Bio: Vijay Natarajan is a Professor in the Department of Computer Science and Automation at Indian Institute of Science, Bangalore. He received his Ph.D. in computer science from Duke University and holds the B.E. degree in computer science and M.Sc. degree in mathematics from BITS Pilani. His research interests include scientific visualization, computational geometry, and computational topology. In current work, he is developing topological methods for time-varying and multi-field data visualization, and studying applications in biology, material science, and climate science.
Associate Professor
IISc, Bangalore
Talk Title: From Radiance Fields to Gaussian Splatting: Learning 3D Scenes from Sparse Inputs
Abstract: Neural Radiance Fields (NeRFs) have offer remarkable scene reconstructions through differentiable volumetric rendering. Yet, their reliance on dense image capture and heavy optimization limits practical deployment. This talk will first introduce the foundations of NeRFs-their scene representation, rendering pipeline, and learning dynamics - and then discuss advances that extend NeRFs to sparse input settings. I will also introduce 3D Gaussian Splatting, a recent point-based alternative enabling real-time rendering, and highlight our recent work on sparse-input 3D Gaussian Splatting.

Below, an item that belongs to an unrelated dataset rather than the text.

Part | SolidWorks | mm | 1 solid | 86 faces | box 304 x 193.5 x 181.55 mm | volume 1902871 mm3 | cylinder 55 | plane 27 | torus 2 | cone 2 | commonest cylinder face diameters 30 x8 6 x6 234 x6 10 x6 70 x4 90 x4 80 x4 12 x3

Bio: Rajiv Soundararajan received the B. E. degree in Electrical and Electronics Engineering from Birla Institute of Technology and Science (BITS), Pilani, India in 2006. He received the M. S. and Ph. D. degrees in Electrical and Computer Engineering from The University of Texas at Austin, USA in 2008 and 2012 respectively. Between 2012 and 2015, he was with Qualcomm Research India, Bangalore. He is currently an Associate Professor at the Indian Institute of Science, Bangalore. He received the 2016 IEEE Circuits and Systems for Video Technology Best Paper Award and 2017 IEEE Signal Processing Letters Best Paper Award. He also received a Technology and Engineering Emmy Award from the National Academy of Television Arts & Sciences in 2021 for the "Development of Perceptual Metrics for Video Encoding Optimization". His research interests are broadly in image and video signal processing, computer vision, machine learning and information theory.